OH MAN, PRODUCT IDEA
A set of scales, where every stone it says words instead of numbers, like
1st - "Take your toe off and just step on it"
2st - "You're supposed to use both feet"
3st - "C'mon jackass, you know how to use this thing"
...
9st - "G'wan, have a pie, you could do with it"
10st - "I can see your ribs when you breath in"
11st - "Unless you're a midget, you're a sexy bitch"
...
15st - "Six pack? More like a keg"
16st - "Eating for two? ,)"
17st - "Comfort eating again?"
18st - "One at a time"
19st - "Most elivators can only take two of you"

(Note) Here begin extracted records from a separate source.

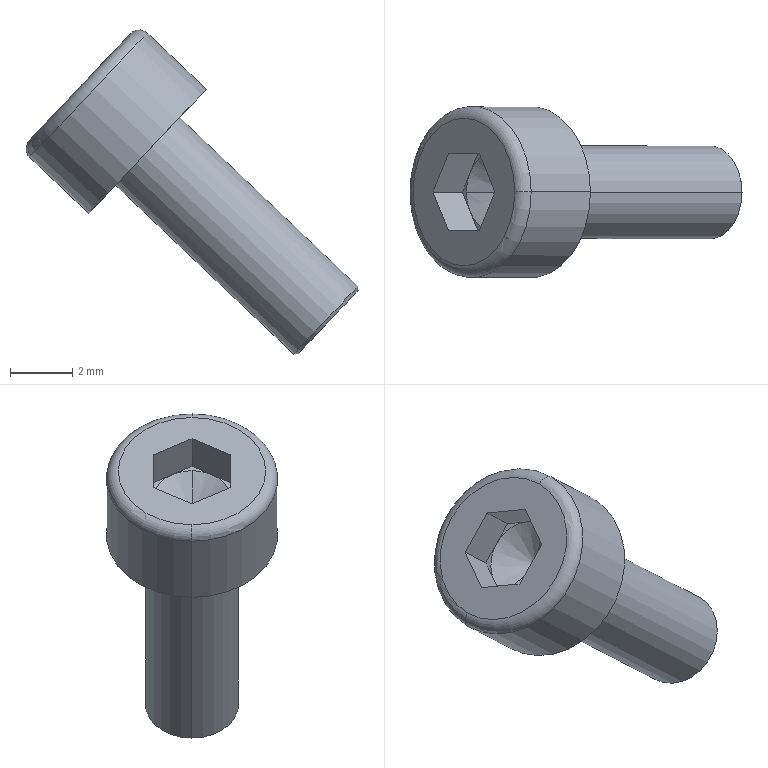Component | SolidWorks | 100-1_hexagon socket head cap screws gb_GB_FASTENER_SCREWS_HSHCS M3X8-N-1 | 1 solid | 25 faces | box 10.68 x 5.5 x 10.43 mm | volume 119 mm3 | plane 15 | cone 4 | cylinder 4 | torus 2 | commonest cylinder face diameters 3 x2 5.5 x2
STEP:
#1=COLOUR_RGB('',0.7922,0.8196,0.9333);
#2=FILL_AREA_STYLE_COLOUR('',#1);
#3=FILL_AREA_STYLE('',(#2));
#4=SURFACE_STYLE_FILL_AREA(#3);
#5=SURFACE_SIDE_STYLE('',(#4));
#6=SURFACE_STYLE_USAGE(.BOTH.,#5);
#7=PRESENTATION_STYLE_ASSIGNMENT((#6));
#8=CARTESIAN_POINT('',(20.6,49.134,-79.959));
#9=VERTEX_POINT('',#8);
#10=CARTESIAN_POINT('',(20.6,49.134,-79.954));
#11=VERTEX_POINT('',#10);
#12=CARTESIAN_POINT('',(20.6,49.134,-79.959));
#13=DIRECTION('',(-0.02683,-0.,0.9996));
#14=VECTOR('',#13,39.37);
#15=LINE('',#12,#14);
#16=EDGE_CURVE('',#9,#11,#15,.T.);
#17=ORIENTED_EDGE('',*,*,#16,.F.);
#18=CARTESIAN_POINT('',(20.524,49.134,-80.039));
#19=VERTEX_POINT('',#18);
#20=CARTESIAN_POINT('',(20.562,49.134,-79.999));
#21=DIRECTION('',(0.7258,0.,-0.6879));
#22=DIRECTION('',(0.6879,-0.,0.7258));
#23=AXIS2_PLACEMENT_3D('',#20,#21,#22);
#24=CIRCLE('',#23,0.05512);
#25=EDGE_CURVE('',#19,#9,#24,.T.);
#26=ORIENTED_EDGE('',*,*,#25,.F.);
#27=CARTESIAN_POINT('',(20.518,49.134,-80.039));
#28=VERTEX_POINT('',#27);
#29=CARTESIAN_POINT('',(20.524,49.134,-80.039));
#30=DIRECTION('',(-0.9996,0.,-0.02683));
#31=VECTOR('',#30,39.37);
#32=LINE('',#29,#31);
#33=EDGE_CURVE('',#19,#28,#32,.T.);
#34=ORIENTED_EDGE('',*,*,#33,.T.);
#35=CARTESIAN_POINT('',(20.559,49.134,-79.997));
#36=DIRECTION('',(-0.7258,-0.,0.6879));
#37=DIRECTION('',(0.6879,-0.,0.7258));
#38=AXIS2_PLACEMENT_3D('',#35,#36,#37);
#39=CIRCLE('',#38,0.05906);
#40=EDGE_CURVE('',#11,#28,#39,.T.);
#41=ORIENTED_EDGE('',*,*,#40,.F.);
#42=EDGE_LOOP('',(#17,#26,#34,#41));
#43=FACE_OUTER_BOUND('',#42,.T.);
#44=CARTESIAN_POINT('',(20.562,49.134,-79.999));
#45=DIRECTION('',(-0.7258,-0.,0.6879));
#46=DIRECTION('',(-0.6879,0.,-0.7258));
#47=AXIS2_PLACEMENT_3D('',#44,#45,#46);
#48=CONICAL_SURFACE('',#47,0.05512,0.7854);
#49=ADVANCED_FACE('',(#43),#48,.T.);
#50=CARTESIAN_POINT('',(20.183,49.134,-79.769));
#51=VERTEX_POINT('',#50);
#52=CARTESIAN_POINT('',(20.184,49.134,-79.79));
#53=VERTEX_POINT('',#52);
#54=CARTESIAN_POINT('',(20.194,49.134,-79.779));
#55=DIRECTION('',(-0.,-1.,-0.));
#56=DIRECTION('',(-0.6879,0.,-0.7258));
#57=AXIS2_PLACEMENT_3D('',#54,#55,#56);
#58=CIRCLE('',#57,0.01476);
#59=EDGE_CURVE('',#51,#53,#58,.T.);
#60=ORIENTED_EDGE('',*,*,#59,.F.);
#61=CARTESIAN_POINT('',(20.312,49.134,-79.633));
#62=VERTEX_POINT('',#61);
#63=CARTESIAN_POINT('',(20.248,49.134,-79.701));
#64=DIRECTION('',(-0.7258,-0.,0.6879));
#65=DIRECTION('',(0.6879,-0.,0.7258));
#66=AXIS2_PLACEMENT_3D('',#63,#64,#65);
#67=CIRCLE('',#66,0.0935);
#68=EDGE_CURVE('',#62,#51,#67,.T.);
#69=ORIENTED_EDGE('',*,*,#68,.F.);
#70=CARTESIAN_POINT('',(20.333,49.134,-79.633));
#71=VERTEX_POINT('',#70);
#72=CARTESIAN_POINT('',(20.323,49.134,-79.644));
#73=DIRECTION('',(0.,1.,0.));
#74=DIRECTION('',(0.6879,0.,0.7258));
#75=AXIS2_PLACEMENT_3D('',#72,#73,#74);
#76=CIRCLE('',#75,0.01476);
#77=EDGE_CURVE('',#62,#71,#76,.T.);
#78=ORIENTED_EDGE('',*,*,#77,.T.);
#79=CARTESIAN_POINT('',(20.258,49.134,-79.712));
#80=DIRECTION('',(0.7258,0.,-0.6879));
#81=DIRECTION('',(0.6879,-0.,0.7258));
#82=AXIS2_PLACEMENT_3D('',#79,#80,#81);
#83=CIRCLE('',#82,0.1083);
#84=EDGE_CURVE('',#53,#71,#83,.T.);
#85=ORIENTED_EDGE('',*,*,#84,.F.);
#86=EDGE_LOOP('',(#60,#69,#78,#85));
#87=FACE_OUTER_BOUND('',#86,.T.);
#88=CARTESIAN_POINT('',(20.258,49.134,-79.712));
#89=DIRECTION('',(0.7258,0.,-0.6879));
#90=DIRECTION('',(0.6879,-0.,0.7258));
#91=AXIS2_PLACEMENT_3D('',#88,#89,#90);
#92=TOROIDAL_SURFACE('',#91,0.0935,0.01476);
#93=ADVANCED_FACE('',(#87),#92,.T.);
#94=CARTESIAN_POINT('',(20.305,49.134,-79.756));
#95=VERTEX_POINT('',#94);
#96=CARTESIAN_POINT('',(20.319,49.134,-79.701));
#97=VERTEX_POINT('',#96);
#98=CARTESIAN_POINT('',(20.319,49.134,-79.701));
#99=DIRECTION('',(0.2328,-0.,0.9725));
#100=VECTOR('',#99,39.37);
#101=LINE('',#98,#100);
#102=EDGE_CURVE('',#95,#97,#101,.T.);
#103=ORIENTED_EDGE('',*,*,#102,.F.);
#104=CARTESIAN_POINT('',(20.251,49.134,-79.772));
#105=VERTEX_POINT('',#104);
#106=CARTESIAN_POINT('',(20.251,49.134,-79.772));
#107=DIRECTION('',(-0.9586,0.,-0.2846));
#108=VECTOR('',#107,39.37);
#109=LINE('',#106,#108);
#110=EDGE_CURVE('',#95,#105,#109,.T.);
#111=ORIENTED_EDGE('',*,*,#110,.T.);
#112=CARTESIAN_POINT('',(20.255,49.109,-79.767));
#113=VERTEX_POINT('',#112);
#114=CARTESIAN_POINT('',(20.285,49.134,-79.737));
#115=DIRECTION('',(-0.7258,-0.,0.6879));
#116=DIRECTION('',(0.6879,-0.,0.7258));
#117=AXIS2_PLACEMENT_3D('',#114,#115,#116);
#118=CIRCLE('',#117,0.04921);
#119=EDGE_CURVE('',#105,#113,#118,.T.);
#120=ORIENTED_EDGE('',*,*,#119,.T.);
#121=CARTESIAN_POINT('',(20.285,49.085,-79.737));
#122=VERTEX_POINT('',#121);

(, Wed 17 Aug 2011, 9:03, 4 replies, latest was 14 years ago)
How about one that you could record insults in should you go over a certain weight?
15 stone - "Morning you fat, lardy CUNT!"
(, Wed 17 Aug 2011, 9:05, Reply)
"Don't even fucking think about it. Get your fat arse out for a jog!"
(, Wed 17 Aug 2011, 9:08, Reply)
"Oh great, someone's put me in a zoo"
(, Wed 17 Aug 2011, 9:24, Reply)
or two, one bad and one good. George Clooney* says positive things and Rowan Atkinson says negative things. Double reinforcement!
*I dunno, who's a sexy man these days ladies?